# coon hound cross??



## olroy (Mar 3, 2013)

Any of you hunt an out cross?  Cur x Hound or Feist X Hound? Just interested how they do on Squirrel?


----------



## dotties cutter (Mar 3, 2013)

I have a july gyp I recently inherited. I havn,t tried her on a squirrel but she is starting off great on rabbits and loves to tree our big tom cat in the back yard ever chance she gets. The only problem she has is her size slows her down in the rough briers we have here.

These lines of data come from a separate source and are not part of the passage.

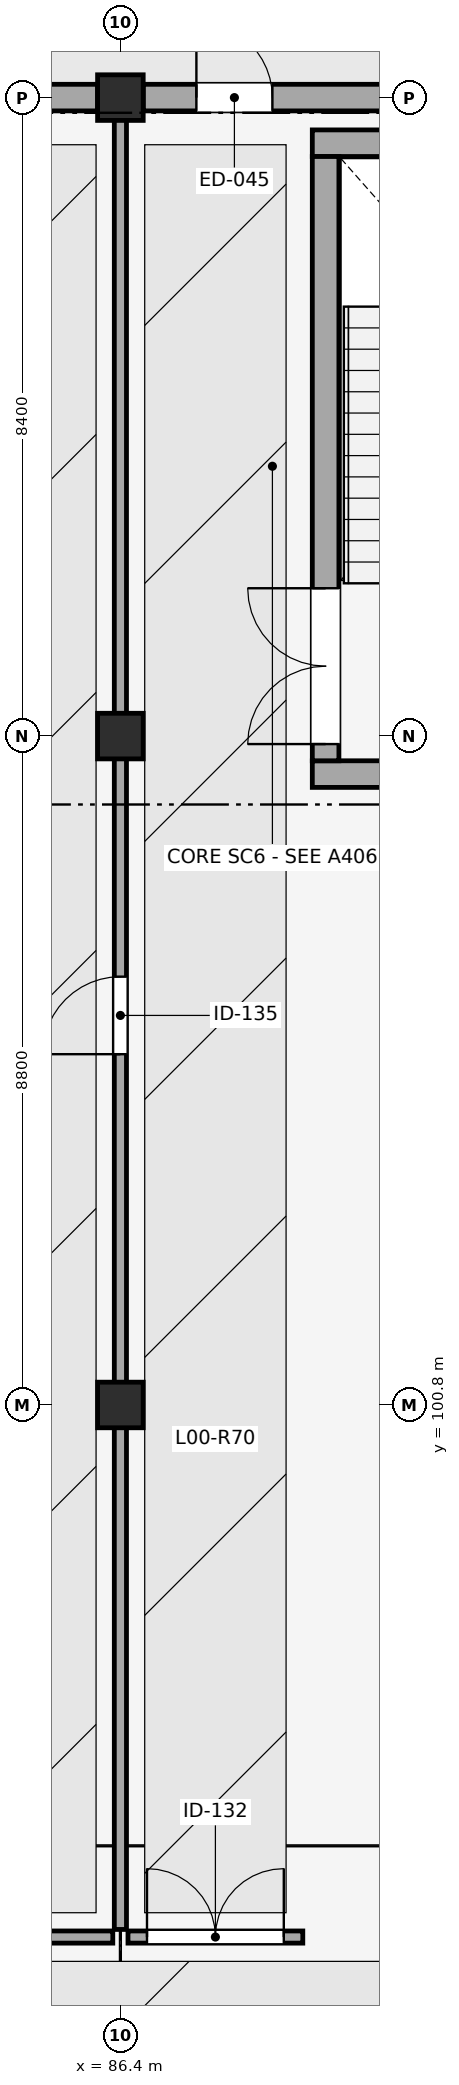
"""IFC4 building model, lengths in metres.
Left out: names, types, materials, properties, quantities, classifications, styles, units other than length and angle.
Written with IfcOpenShell. Run it as: python <this file> out.ifc"""

import sys

from ifc_helpers import new_model, si_unit, direction, frame, frame_2d, origin, origin_2d, place, context, subcontext, project, spatial, rectangle, extrude, element, fill, save


model = new_model("IFC4")
c1 = context("Model", 3, precision=1e-05, world=origin(), true_north=direction((0.0, 1.0)))
c2 = subcontext(c1, "Body", "Model", "MODEL_VIEW")
j1 = project(units=[si_unit("LENGTHUNIT", "METRE"), si_unit("PLANEANGLEUNIT", "RADIAN")], contexts=[c1])
p1 = place(None, origin())
s1 = spatial("IfcSite", under=j1, at=p1, CompositionType="ELEMENT")
p2 = place(p1, origin())
s2 = spatial("IfcBuilding", under=s1, at=p2, CompositionType="ELEMENT")
p3 = place(p2, origin())
s3 = spatial("IfcBuildingStorey", under=s2, at=p3, CompositionType="ELEMENT", Elevation=0.0)
for number, where, z_axis, x_axis in (
    (1, (86.4, 100.8, 0.0), (0.0, 0.0, 1.0), (1.0, 0.0, 0.0)),
    (2, (86.4, 109.6, 0.0), (0.0, 0.0, 1.0), (1.0, 0.0, 0.0)),
    (3, (86.4, 118.0, 0.0), (0.0, 0.0, 1.0), (1.0, 0.0, 0.0)),
):
    element("IfcColumn", number, at=place(p3, frame(where, z_axis=z_axis, x_axis=x_axis)), inside=s3, PredefinedType="COLUMN", context=c2, shape_type="SweptSolid", body=[
        extrude(rectangle(XDim=0.6, YDim=0.6, at=origin_2d()), origin(), (0.0, 0.0, 1.0), 4.8),
    ])
p4 = place(p3, frame((77.1, 118.0, 0.0), z_axis=(0.0, 0.0, 1.0), x_axis=(1.0, 0.0, 0.0)))
e4 = element("IfcWall", 4, at=p4, inside=s3, PredefinedType="SOLIDWALL", context=c2, shape_type="SweptSolid", body=[
    extrude(rectangle(XDim=9.0, YDim=0.35, at=frame_2d((4.5, 0.0))), origin(), (0.0, 0.0, 1.0), 4.1),
])
p5 = place(p4, frame((5.4, 0.0, 1.1)))
e5 = element("IfcOpeningElement", 5, at=p5, cuts=e4, PredefinedType="OPENING", context=c2, shape_type="SweptSolid", body=[
    extrude(rectangle(XDim=1.42, YDim=1.54, at=frame_2d((0.71, 0.77))), frame((0.0, 0.185, 0.0), z_axis=(0.0, -1.0, 0.0), x_axis=(1.0, 0.0, 0.0)), (0.0, 0.0, 1.0), 0.37),
])
p6 = place(p3, frame((86.7, 118.0, 0.0), z_axis=(0.0, 0.0, 1.0), x_axis=(1.0, 0.0, 0.0)))
e6 = element("IfcWall", 6, at=p6, inside=s3, PredefinedType="SOLIDWALL", context=c2, shape_type="SweptSolid", body=[
    extrude(rectangle(XDim=9.0, YDim=0.35, at=frame_2d((4.5, 0.0))), origin(), (0.0, 0.0, 1.0), 4.1),
])
p7 = place(p6, frame((0.7, 0.0, 0.0)))
e7 = element("IfcOpeningElement", 7, at=p7, cuts=e6, PredefinedType="OPENING", context=c2, shape_type="SweptSolid", body=[
    extrude(rectangle(XDim=1.0, YDim=2.2, at=frame_2d((0.5, 1.1))), frame((0.0, 0.185, 0.0), z_axis=(0.0, -1.0, 0.0), x_axis=(1.0, 0.0, 0.0)), (0.0, 0.0, 1.0), 0.37),
])
p8 = place(p6, frame((5.4, 0.0, 1.1)))
e8 = element("IfcOpeningElement", 8, at=p8, cuts=e6, PredefinedType="OPENING", context=c2, shape_type="SweptSolid", body=[
    extrude(rectangle(XDim=1.5, YDim=1.6, at=frame_2d((0.75, 0.8))), frame((0.0, 0.185, 0.0), z_axis=(0.0, -1.0, 0.0), x_axis=(1.0, 0.0, 0.0)), (0.0, 0.0, 1.0), 0.37),
])
for number, where, z_axis, x_axis in (
    (9, (94.575, 109.1, 0.0), (0.0, 0.0, 1.0), (-1.0, 0.0, 0.0)),
    (10, (88.925, 117.4, 0.0), (0.0, 0.0, 1.0), (1.0, 0.0, 0.0)),
):
    element("IfcWall", number, at=place(p3, frame(where, z_axis=z_axis, x_axis=x_axis)), inside=s3, PredefinedType="SHEAR", context=c2, shape_type="SweptSolid", body=[
        extrude(rectangle(XDim=5.65, YDim=0.35, at=frame_2d((2.825, 0.0))), origin(), (0.0, 0.0, 1.0), 4.55),
    ])
p9 = place(p3, frame((89.1, 109.275, 0.0), z_axis=(0.0, 0.0, 1.0), x_axis=(0.0, 1.0, 0.0)))
e11 = element("IfcWall", 11, at=p9, inside=s3, PredefinedType="SHEAR", context=c2, shape_type="SweptSolid", body=[
    extrude(rectangle(XDim=7.95, YDim=0.35, at=frame_2d((3.975, 0.0))), origin(), (0.0, 0.0, 1.0), 4.55),
])
p10 = place(p9, frame((0.22, 0.0, 0.0)))
e12 = element("IfcOpeningElement", 12, at=p10, cuts=e11, PredefinedType="OPENING", context=c2, shape_type="SweptSolid", body=[
    extrude(rectangle(XDim=2.05, YDim=2.15, at=frame_2d((1.025, 1.075))), frame((0.0, 0.185, 0.0), z_axis=(0.0, -1.0, 0.0), x_axis=(1.0, 0.0, 0.0)), (0.0, 0.0, 1.0), 0.37),
])
p11 = place(p3, frame((86.5, 93.8, 0.0), z_axis=(0.0, 0.0, 1.0), x_axis=(1.0, 0.0, 0.0)))
e13 = element("IfcWall", 13, at=p11, inside=s3, PredefinedType="PARTITIONING", context=c2, shape_type="SweptSolid", body=[
    extrude(rectangle(XDim=2.3, YDim=0.16, at=frame_2d((1.15, 0.0))), origin(), (0.0, 0.0, 1.0), 4.42),
])
p12 = place(p11, frame((0.25, 0.0, 0.0)))
e14 = element("IfcOpeningElement", 14, at=p12, cuts=e13, PredefinedType="OPENING", context=c2, shape_type="SweptSolid", body=[
    extrude(rectangle(XDim=1.8, YDim=2.15, at=frame_2d((0.9, 1.075))), frame((0.0, 0.09, 0.0), z_axis=(0.0, -1.0, 0.0), x_axis=(1.0, 0.0, 0.0)), (0.0, 0.0, 1.0), 0.18),
])
p13 = place(p3, frame((48.05, 93.8, 0.0), z_axis=(0.0, 0.0, 1.0), x_axis=(1.0, 0.0, 0.0)))
e15 = element("IfcWall", 15, at=p13, inside=s3, PredefinedType="PARTITIONING", context=c2, shape_type="SweptSolid", body=[
    extrude(rectangle(XDim=38.25, YDim=0.16, at=frame_2d((19.125, 0.0))), origin(), (0.0, 0.0, 1.0), 4.42),
])
p14 = place(p13, frame((18.615, 0.0, 0.0)))
e16 = element("IfcOpeningElement", 16, at=p14, cuts=e15, PredefinedType="OPENING", context=c2, shape_type="SweptSolid", body=[
    extrude(rectangle(XDim=1.02, YDim=2.16, at=frame_2d((0.51, 1.08))), frame((0.0, 0.09, 0.0), z_axis=(0.0, -1.0, 0.0), x_axis=(1.0, 0.0, 0.0)), (0.0, 0.0, 1.0), 0.18),
])
p15 = place(p3, frame((86.4, 93.9, 0.0), z_axis=(0.0, 0.0, 1.0), x_axis=(0.0, 1.0, 0.0)))
e17 = element("IfcWall", 17, at=p15, inside=s3, PredefinedType="PARTITIONING", context=c2, shape_type="SweptSolid", body=[
    extrude(rectangle(XDim=24.05, YDim=0.16, at=frame_2d((12.025, 0.0))), origin(), (0.0, 0.0, 1.0), 3.92),
])
p16 = place(p15, frame((11.515, 0.0, 0.0)))
e18 = element("IfcOpeningElement", 18, at=p16, cuts=e17, PredefinedType="OPENING", context=c2, shape_type="SweptSolid", body=[
    extrude(rectangle(XDim=1.02, YDim=2.16, at=frame_2d((0.51, 1.08))), frame((0.0, 0.09, 0.0), z_axis=(0.0, -1.0, 0.0), x_axis=(1.0, 0.0, 0.0)), (0.0, 0.0, 1.0), 0.18),
])
p17 = place(p7, origin())
e19 = element("IfcDoor", 19, at=p17, inside=s3, OperationType="SINGLE_SWING_LEFT", PredefinedType="DOOR", context=c2, shape_type="SweptSolid", body=[
    extrude(rectangle(XDim=1.0, YDim=2.2, at=frame_2d((0.5, 1.1))), frame((0.0, 0.025, 0.0), z_axis=(0.0, -1.0, 0.0), x_axis=(1.0, 0.0, 0.0)), (0.0, 0.0, 1.0), 0.05),
])
fill(e7, e19)
p18 = place(p10, origin())
e20 = element("IfcDoor", 20, at=p18, inside=s3, OperationType="DOUBLE_DOOR_SINGLE_SWING", PredefinedType="DOOR", context=c2, shape_type="SweptSolid", body=[
    extrude(rectangle(XDim=2.05, YDim=2.15, at=frame_2d((1.025, 1.075))), frame((0.0, 0.025, 0.0), z_axis=(0.0, -1.0, 0.0), x_axis=(1.0, 0.0, 0.0)), (0.0, 0.0, 1.0), 0.05),
])
fill(e12, e20)
p19 = place(p12, origin())
e21 = element("IfcDoor", 21, at=p19, inside=s3, OperationType="DOUBLE_DOOR_SINGLE_SWING", PredefinedType="DOOR", context=c2, shape_type="SweptSolid", body=[
    extrude(rectangle(XDim=1.8, YDim=2.15, at=frame_2d((0.9, 1.075))), frame((0.0, 0.025, 0.0), z_axis=(0.0, -1.0, 0.0), x_axis=(1.0, 0.0, 0.0)), (0.0, 0.0, 1.0), 0.05),
])
fill(e14, e21)
p20 = place(p16, origin())
e22 = element("IfcDoor", 22, at=p20, inside=s3, OperationType="SINGLE_SWING_LEFT", PredefinedType="DOOR", context=c2, shape_type="SweptSolid", body=[
    extrude(rectangle(XDim=1.02, YDim=2.16, at=frame_2d((0.51, 1.08))), frame((0.0, 0.025, 0.0), z_axis=(0.0, -1.0, 0.0), x_axis=(1.0, 0.0, 0.0)), (0.0, 0.0, 1.0), 0.05),
])
fill(e18, e22)
save(model, sys.argv[1])

She is a hard huntin little dog though.


----------



## ngacoons (Mar 3, 2013)

I have hunted a couple on squirrel I've tried a walker cur a English cur and a redbone cur but you can register them under treeing curs in ukc. I never really liked none of the ones I had but maybe I had a bunch of bad apples


----------



## ngacoons (Mar 3, 2013)

I think the reason ppl started making this cross is where they could have a dog hunt like a cur but with hound tree power


----------



## canepatch (Mar 3, 2013)

The best squirrel dog I ever owned was a bluetick/cur cross.  He was the complete package.


----------



## Hardwood (Mar 4, 2013)

I think MLandrum on here hunts rabbits with a Bluetick coonhound/Poodle cross. Or at least thats what they look like


----------



## Ricky Harrington (Mar 5, 2013)

I own Amazing Tack Factor he is 3/4 hound 1/4 cur grand pup of WLDNITECH GRNITECH PR' X JR He is a real nice hound come and go hunting hunt on squirrel and coons


----------



## Ricky Harrington (Mar 5, 2013)

tack


----------



## olroy (Mar 6, 2013)

That Tack is one sharp dog! My cousin has a walker x Cur cross that is a good squirrel dog. I'm really starting to like the looks of these. My feist keep getting eat by Yotes!!!!!!!!


----------



## Ricky Harrington (Mar 6, 2013)

do not let the pic fool you 65 # and loud loud


----------